I had a performance goal for this project; I wanted to be able to use the ~2MB 2006 Tournament Word List, searching for racks with up to two blanks, in reasonable human scale time, but not necessarily appearing to be instantaneous. My first naive implementation did not meet this goal so I made a few tweaks to the algorithm until it did, and then I stopped. (It is interesting to think about how this could be made much faster, but that's a subject for another day.)

private static IEnumerable<string> SearchDictionary(string originalRack)
{
const string dictionary = @"d:\twl06.txt";

// Calculate all the possible distinct values for the rack.
// As an optimization, stuff the resulting racks in an array so
// that we do not recalculate them during the query.

var racks = (from rack in ReplaceQuestionMarks(originalRack)
select Canonicalize(rack)).Distinct().ToArray();

// Check every line in the dictionary to see if it matches
// any possible rack. As an optimization, do an early
// out if the line length does not match the query length.

return from line in FileLines(dictionary)
where line.Length == originalRack.Length
where racks.Contains(Canonicalize(line))
select line;
}

LINQ queries are awesome. I love how the code reads like a description of what I'm trying to do, rather than how I'm doing it.

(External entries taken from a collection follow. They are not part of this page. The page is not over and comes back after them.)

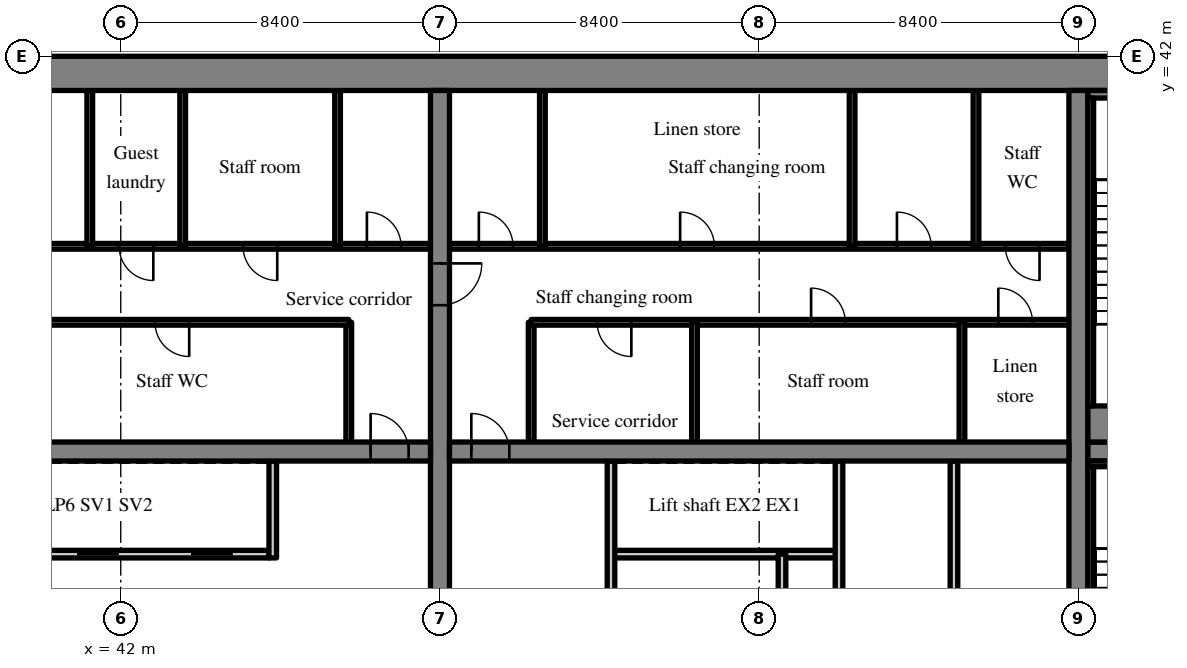
"""IFC4 building model, lengths in metres.
Left out: names, types, materials, properties, quantities, classifications, styles, units other than length and angle.
Written with IfcOpenShell. Run it as: python <this file> out.ifc"""

import sys

from ifc_helpers import new_model, si_unit, direction, frame, frame_2d, origin, place, context, subcontext, project, spatial, rectangle, extrude, source, transform, mapped, element, fill, save


model = new_model("IFC4")
c1 = context("Model", 3, precision=1e-05, world=origin(), true_north=direction((0.0, 1.0)))
c2 = subcontext(c1, "Body", "Model", "MODEL_VIEW")
j1 = project(units=[si_unit("LENGTHUNIT", "METRE"), si_unit("PLANEANGLEUNIT", "RADIAN")], contexts=[c1])
p1 = place(None, origin())
s1 = spatial("IfcSite", under=j1, at=p1, CompositionType="ELEMENT")
p2 = place(p1, origin())
s2 = spatial("IfcBuilding", under=s1, at=p2, CompositionType="ELEMENT")
p3 = place(p2, frame((0.0, 0.0, 95.2)))
s3 = spatial("IfcBuildingStorey", under=s2, at=p3, CompositionType="ELEMENT", Elevation=95.2)
m1 = source(origin(), c2, "Body", "SweptSolid", [
    extrude(rectangle(XDim=50.4, YDim=0.9, at=frame_2d((25.2, 0.0))), origin(), (0.0, 0.0, 1.0), 3.52),
])
p4 = place(p3, frame((25.2, 41.55, 0.0), z_axis=(0.0, 0.0, 1.0), x_axis=(1.0, 0.0, 0.0)))
e1 = element("IfcWall", 1, at=p4, inside=s3, PredefinedType="SHEAR", context=c2, shape_type="MappedRepresentation", body=[
    mapped(m1, transform((0.0, 0.0, 0.0), scale=1.0)),
])
m2 = source(origin(), c2, "Body", "SweptSolid", [
    extrude(rectangle(XDim=18.2, YDim=0.5, at=frame_2d((9.1, 0.0))), origin(), (0.0, 0.0, 1.0), 3.52),
])
p5 = place(p3, frame((50.4, 22.9, 0.0), z_axis=(0.0, 0.0, 1.0), x_axis=(0.0, 1.0, 0.0)))
e2 = element("IfcWall", 2, at=p5, inside=s3, PredefinedType="SHEAR", context=c2, shape_type="MappedRepresentation", body=[
    mapped(m2, transform((0.0, 0.0, 0.0), scale=1.0)),
])
m3 = source(origin(), c2, "Body", "SweptSolid", [
    extrude(rectangle(XDim=1.1, YDim=2.1, at=frame_2d((0.55, 1.05))), frame((0.0, 0.26, 0.0), z_axis=(0.0, -1.0, 0.0), x_axis=(1.0, 0.0, 0.0)), (0.0, 0.0, 1.0), 0.52),
])
p6 = place(p5, frame((12.55, 0.0, 0.0)))
e3 = element("IfcOpeningElement", 3, at=p6, cuts=e2, PredefinedType="OPENING", context=c2, shape_type="MappedRepresentation", body=[
    mapped(m3, transform((0.0, 0.0, 0.0), scale=1.0)),
])
p7 = place(p3, frame((67.2, 22.9, 0.0), z_axis=(0.0, 0.0, 1.0), x_axis=(0.0, 1.0, 0.0)))
e4 = element("IfcWall", 4, at=p7, inside=s3, PredefinedType="SHEAR", context=c2, shape_type="MappedRepresentation", body=[
    mapped(m2, transform((0.0, 0.0, 0.0), scale=1.0)),
])
m4 = source(origin(), c2, "Body", "SweptSolid", [
    extrude(rectangle(XDim=16.3, YDim=0.5, at=frame_2d((8.15, 0.0))), origin(), (0.0, 0.0, 1.0), 3.52),
])
p8 = place(p3, frame((33.85, 31.6, 0.0), z_axis=(0.0, 0.0, 1.0), x_axis=(1.0, 0.0, 0.0)))
e5 = element("IfcWall", 5, at=p8, inside=s3, PredefinedType="SHEAR", context=c2, shape_type="MappedRepresentation", body=[
    mapped(m4, transform((0.0, 0.0, 0.0), scale=1.0)),
])
m5 = source(origin(), c2, "Body", "SweptSolid", [
    extrude(rectangle(XDim=1.0, YDim=2.1, at=frame_2d((0.5, 1.05))), frame((0.0, 0.26, 0.0), z_axis=(0.0, -1.0, 0.0), x_axis=(1.0, 0.0, 0.0)), (0.0, 0.0, 1.0), 0.52),
])
p9 = place(p8, frame((14.725, 0.0, 0.0)))
e6 = element("IfcOpeningElement", 6, at=p9, cuts=e5, PredefinedType="OPENING", context=c2, shape_type="MappedRepresentation", body=[
    mapped(m5, transform((0.0, 0.0, 0.0), scale=1.0)),
])
m6 = source(origin(), c2, "Body", "SweptSolid", [
    extrude(rectangle(XDim=16.3, YDim=0.5, at=frame_2d((8.15, 0.0))), origin(), (0.0, 0.0, 1.0), 3.52),
])
p10 = place(p3, frame((50.65, 31.6, 0.0), z_axis=(0.0, 0.0, 1.0), x_axis=(1.0, 0.0, 0.0)))
e7 = element("IfcWall", 7, at=p10, inside=s3, PredefinedType="SHEAR", context=c2, shape_type="MappedRepresentation", body=[
    mapped(m6, transform((0.0, 0.0, 0.0), scale=1.0)),
])
p11 = place(p10, frame((0.575, 0.0, 0.0)))
e8 = element("IfcOpeningElement", 8, at=p11, cuts=e7, PredefinedType="OPENING", context=c2, shape_type="MappedRepresentation", body=[
    mapped(m5, transform((0.0, 0.0, 0.0), scale=1.0)),
])
m7 = source(origin(), c2, "Body", "SweptSolid", [
    extrude(rectangle(XDim=7.25, YDim=0.5, at=frame_2d((3.625, 0.0))), origin(), (0.0, 0.0, 1.0), 3.52),
])
p12 = place(p3, frame((67.45, 31.6, 0.0), z_axis=(0.0, 0.0, 1.0), x_axis=(1.0, 0.0, 0.0)))
e9 = element("IfcWall", 9, at=p12, inside=s3, PredefinedType="SHEAR", context=c2, shape_type="MappedRepresentation", body=[
    mapped(m7, transform((0.0, 0.0, 0.0), scale=1.0)),
])
p13 = place(p12, frame((5.575, 0.0, 0.0)))
e10 = element("IfcOpeningElement", 10, at=p13, cuts=e9, PredefinedType="OPENING", context=c2, shape_type="MappedRepresentation", body=[
    mapped(m3, transform((0.0, 0.0, 0.0), scale=1.0)),
])
m8 = source(origin(), c2, "Body", "SweptSolid", [
    extrude(rectangle(XDim=12.05, YDim=0.2, at=frame_2d((6.025, 0.0))), origin(), (0.0, 0.0, 1.0), 3.52),
])
p14 = place(p3, frame((33.85, 28.9, 0.0), z_axis=(0.0, 0.0, 1.0), x_axis=(1.0, 0.0, 0.0)))
e11 = element("IfcWall", 11, at=p14, inside=s3, PredefinedType="SOLIDWALL", context=c2, shape_type="MappedRepresentation", body=[
    mapped(m8, transform((0.0, 0.0, 0.0), scale=1.0)),
])
m9 = source(origin(), c2, "Body", "SweptSolid", [
    extrude(rectangle(XDim=1.1, YDim=2.1, at=frame_2d((0.55, 1.05))), frame((0.0, 0.11, 0.0), z_axis=(0.0, -1.0, 0.0), x_axis=(1.0, 0.0, 0.0)), (0.0, 0.0, 1.0), 0.22),
])
p15 = place(p14, frame((1.0, 0.0, 0.0)))
e12 = element("IfcOpeningElement", 12, at=p15, cuts=e11, PredefinedType="OPENING", context=c2, shape_type="MappedRepresentation", body=[
    mapped(m9, transform((0.0, 0.0, 0.0), scale=1.0)),
])
p16 = place(p14, frame((4.0, 0.0, 0.0)))
e13 = element("IfcOpeningElement", 13, at=p16, cuts=e11, PredefinedType="OPENING", context=c2, shape_type="MappedRepresentation", body=[
    mapped(m9, transform((0.0, 0.0, 0.0), scale=1.0)),
])
p17 = place(p14, frame((7.0, 0.0, 0.0)))
e14 = element("IfcOpeningElement", 14, at=p17, cuts=e11, PredefinedType="OPENING", context=c2, shape_type="MappedRepresentation", body=[
    mapped(m9, transform((0.0, 0.0, 0.0), scale=1.0)),
])
p18 = place(p14, frame((10.0, 0.0, 0.0)))
e15 = element("IfcOpeningElement", 15, at=p18, cuts=e11, PredefinedType="OPENING", context=c2, shape_type="MappedRepresentation", body=[
    mapped(m9, transform((0.0, 0.0, 0.0), scale=1.0)),
])
m10 = source(origin(), c2, "Body", "SweptSolid", [
    extrude(rectangle(XDim=2.55, YDim=0.2, at=frame_2d((1.275, 0.0))), origin(), (0.0, 0.0, 1.0), 3.52),
])
p19 = place(p3, frame((46.0, 28.8, 0.0), z_axis=(0.0, 0.0, 1.0), x_axis=(0.0, 1.0, 0.0)))
e16 = element("IfcWall", 16, at=p19, inside=s3, PredefinedType="SOLIDWALL", context=c2, shape_type="MappedRepresentation", body=[
    mapped(m10, transform((0.0, 0.0, 0.0), scale=1.0)),
])
m11 = source(origin(), c2, "Body", "SweptSolid", [
    extrude(rectangle(XDim=3.15, YDim=0.15, at=frame_2d((1.575, 0.0))), origin(), (0.0, 0.0, 1.0), 3.52),
])
p20 = place(p3, frame((48.0, 31.85, 0.0), z_axis=(0.0, 0.0, 1.0), x_axis=(0.0, 1.0, 0.0)))
e17 = element("IfcWall", 17, at=p20, inside=s3, PredefinedType="PARTITIONING", context=c2, shape_type="MappedRepresentation", body=[
    mapped(m11, transform((0.0, 0.0, 0.0), scale=1.0)),
])
m12 = source(origin(), c2, "Body", "SweptSolid", [
    extrude(rectangle(XDim=14.15, YDim=0.15, at=frame_2d((7.075, 0.0))), origin(), (0.0, 0.0, 1.0), 3.52),
])
p21 = place(p3, frame((33.85, 35.0, 0.0), z_axis=(0.0, 0.0, 1.0), x_axis=(1.0, 0.0, 0.0)))
e18 = element("IfcWall", 18, at=p21, inside=s3, PredefinedType="PARTITIONING", context=c2, shape_type="MappedRepresentation", body=[
    mapped(m12, transform((0.0, 0.0, 0.0), scale=1.0)),
])
m13 = source(origin(), c2, "Body", "SweptSolid", [
    extrude(rectangle(XDim=0.9, YDim=2.1, at=frame_2d((0.45, 1.05))), frame((0.0, 0.085, 0.0), z_axis=(0.0, -1.0, 0.0), x_axis=(1.0, 0.0, 0.0)), (0.0, 0.0, 1.0), 0.17),
])
p22 = place(p21, frame((2.013, 0.0, 0.0)))
e19 = element("IfcOpeningElement", 19, at=p22, cuts=e18, PredefinedType="OPENING", context=c2, shape_type="MappedRepresentation", body=[
    mapped(m13, transform((0.0, 0.0, 0.0), scale=1.0)),
])
p23 = place(p21, frame((9.051, 0.0, 0.0)))
e20 = element("IfcOpeningElement", 20, at=p23, cuts=e18, PredefinedType="OPENING", context=c2, shape_type="MappedRepresentation", body=[
    mapped(m13, transform((0.0, 0.0, 0.0), scale=1.0)),
])
m14 = source(origin(), c2, "Body", "SweptSolid", [
    extrude(rectangle(XDim=16.3, YDim=0.15, at=frame_2d((8.15, 0.0))), origin(), (0.0, 0.0, 1.0), 3.52),
])
p24 = place(p3, frame((33.85, 37.0, 0.0), z_axis=(0.0, 0.0, 1.0), x_axis=(1.0, 0.0, 0.0)))
e21 = element("IfcWall", 21, at=p24, inside=s3, PredefinedType="PARTITIONING", context=c2, shape_type="MappedRepresentation", body=[
    mapped(m14, transform((0.0, 0.0, 0.0), scale=1.0)),
])
p25 = place(p24, frame((3.217, 0.0, 0.0)))
e22 = element("IfcOpeningElement", 22, at=p25, cuts=e21, PredefinedType="OPENING", context=c2, shape_type="MappedRepresentation", body=[
    mapped(m13, transform((0.0, 0.0, 0.0), scale=1.0)),
])
p26 = place(p24, frame((8.107, 0.0, 0.0)))
e23 = element("IfcOpeningElement", 23, at=p26, cuts=e21, PredefinedType="OPENING", context=c2, shape_type="MappedRepresentation", body=[
    mapped(m13, transform((0.0, 0.0, 0.0), scale=1.0)),
])
p27 = place(p24, frame((11.368, 0.0, 0.0)))
e24 = element("IfcOpeningElement", 24, at=p27, cuts=e21, PredefinedType="OPENING", context=c2, shape_type="MappedRepresentation", body=[
    mapped(m13, transform((0.0, 0.0, 0.0), scale=1.0)),
])
p28 = place(p24, frame((14.627, 0.0, 0.0)))
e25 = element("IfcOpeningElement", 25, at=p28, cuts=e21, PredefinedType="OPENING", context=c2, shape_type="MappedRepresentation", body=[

We need a way to turn a rack that might contain blanks into a sequence of the 26 or 26x26 possible racks without blanks. Here's a handy recursive method that does so:

private static IEnumerable<string> ReplaceQuestionMarks(string s)
{
int index = s.IndexOf('?');
if (index == -1)
{
yield return s;
yield break;
}
foreach (char c in "ABCDEFGHIJKLMNOPQRSTUVWXYZ")
{
string s2 = s.Substring(0, index) + c.ToString() + s.Substring(index + 1);
foreach (string result in ReplaceQuestionMarks(s2))
yield return result;
}
}

And of course, the code to extract the lines from the dictionary is our old friend:

private static IEnumerable<string> FileLines(string filename)
{
using (var sr = File.OpenText(filename))
{
while (true)
{
string line = sr.ReadLine();
if (line == null)
yield break;
yield return line;
}
}
}

And there you go. Six very brief little methods that tell you that Leah could have made the seven letter bingos ANALYST CANTALS LATINAS PLATANS SALTANT SALTPAN SEALANT and SULTANA or by going through the "I", the eight letter bingos ALATIONS ANNALIST FANTAILS LANITALS NASALITY PLATINAS SANTALIC STAMINAL TAILFANS TALISMAN and VALIANTS.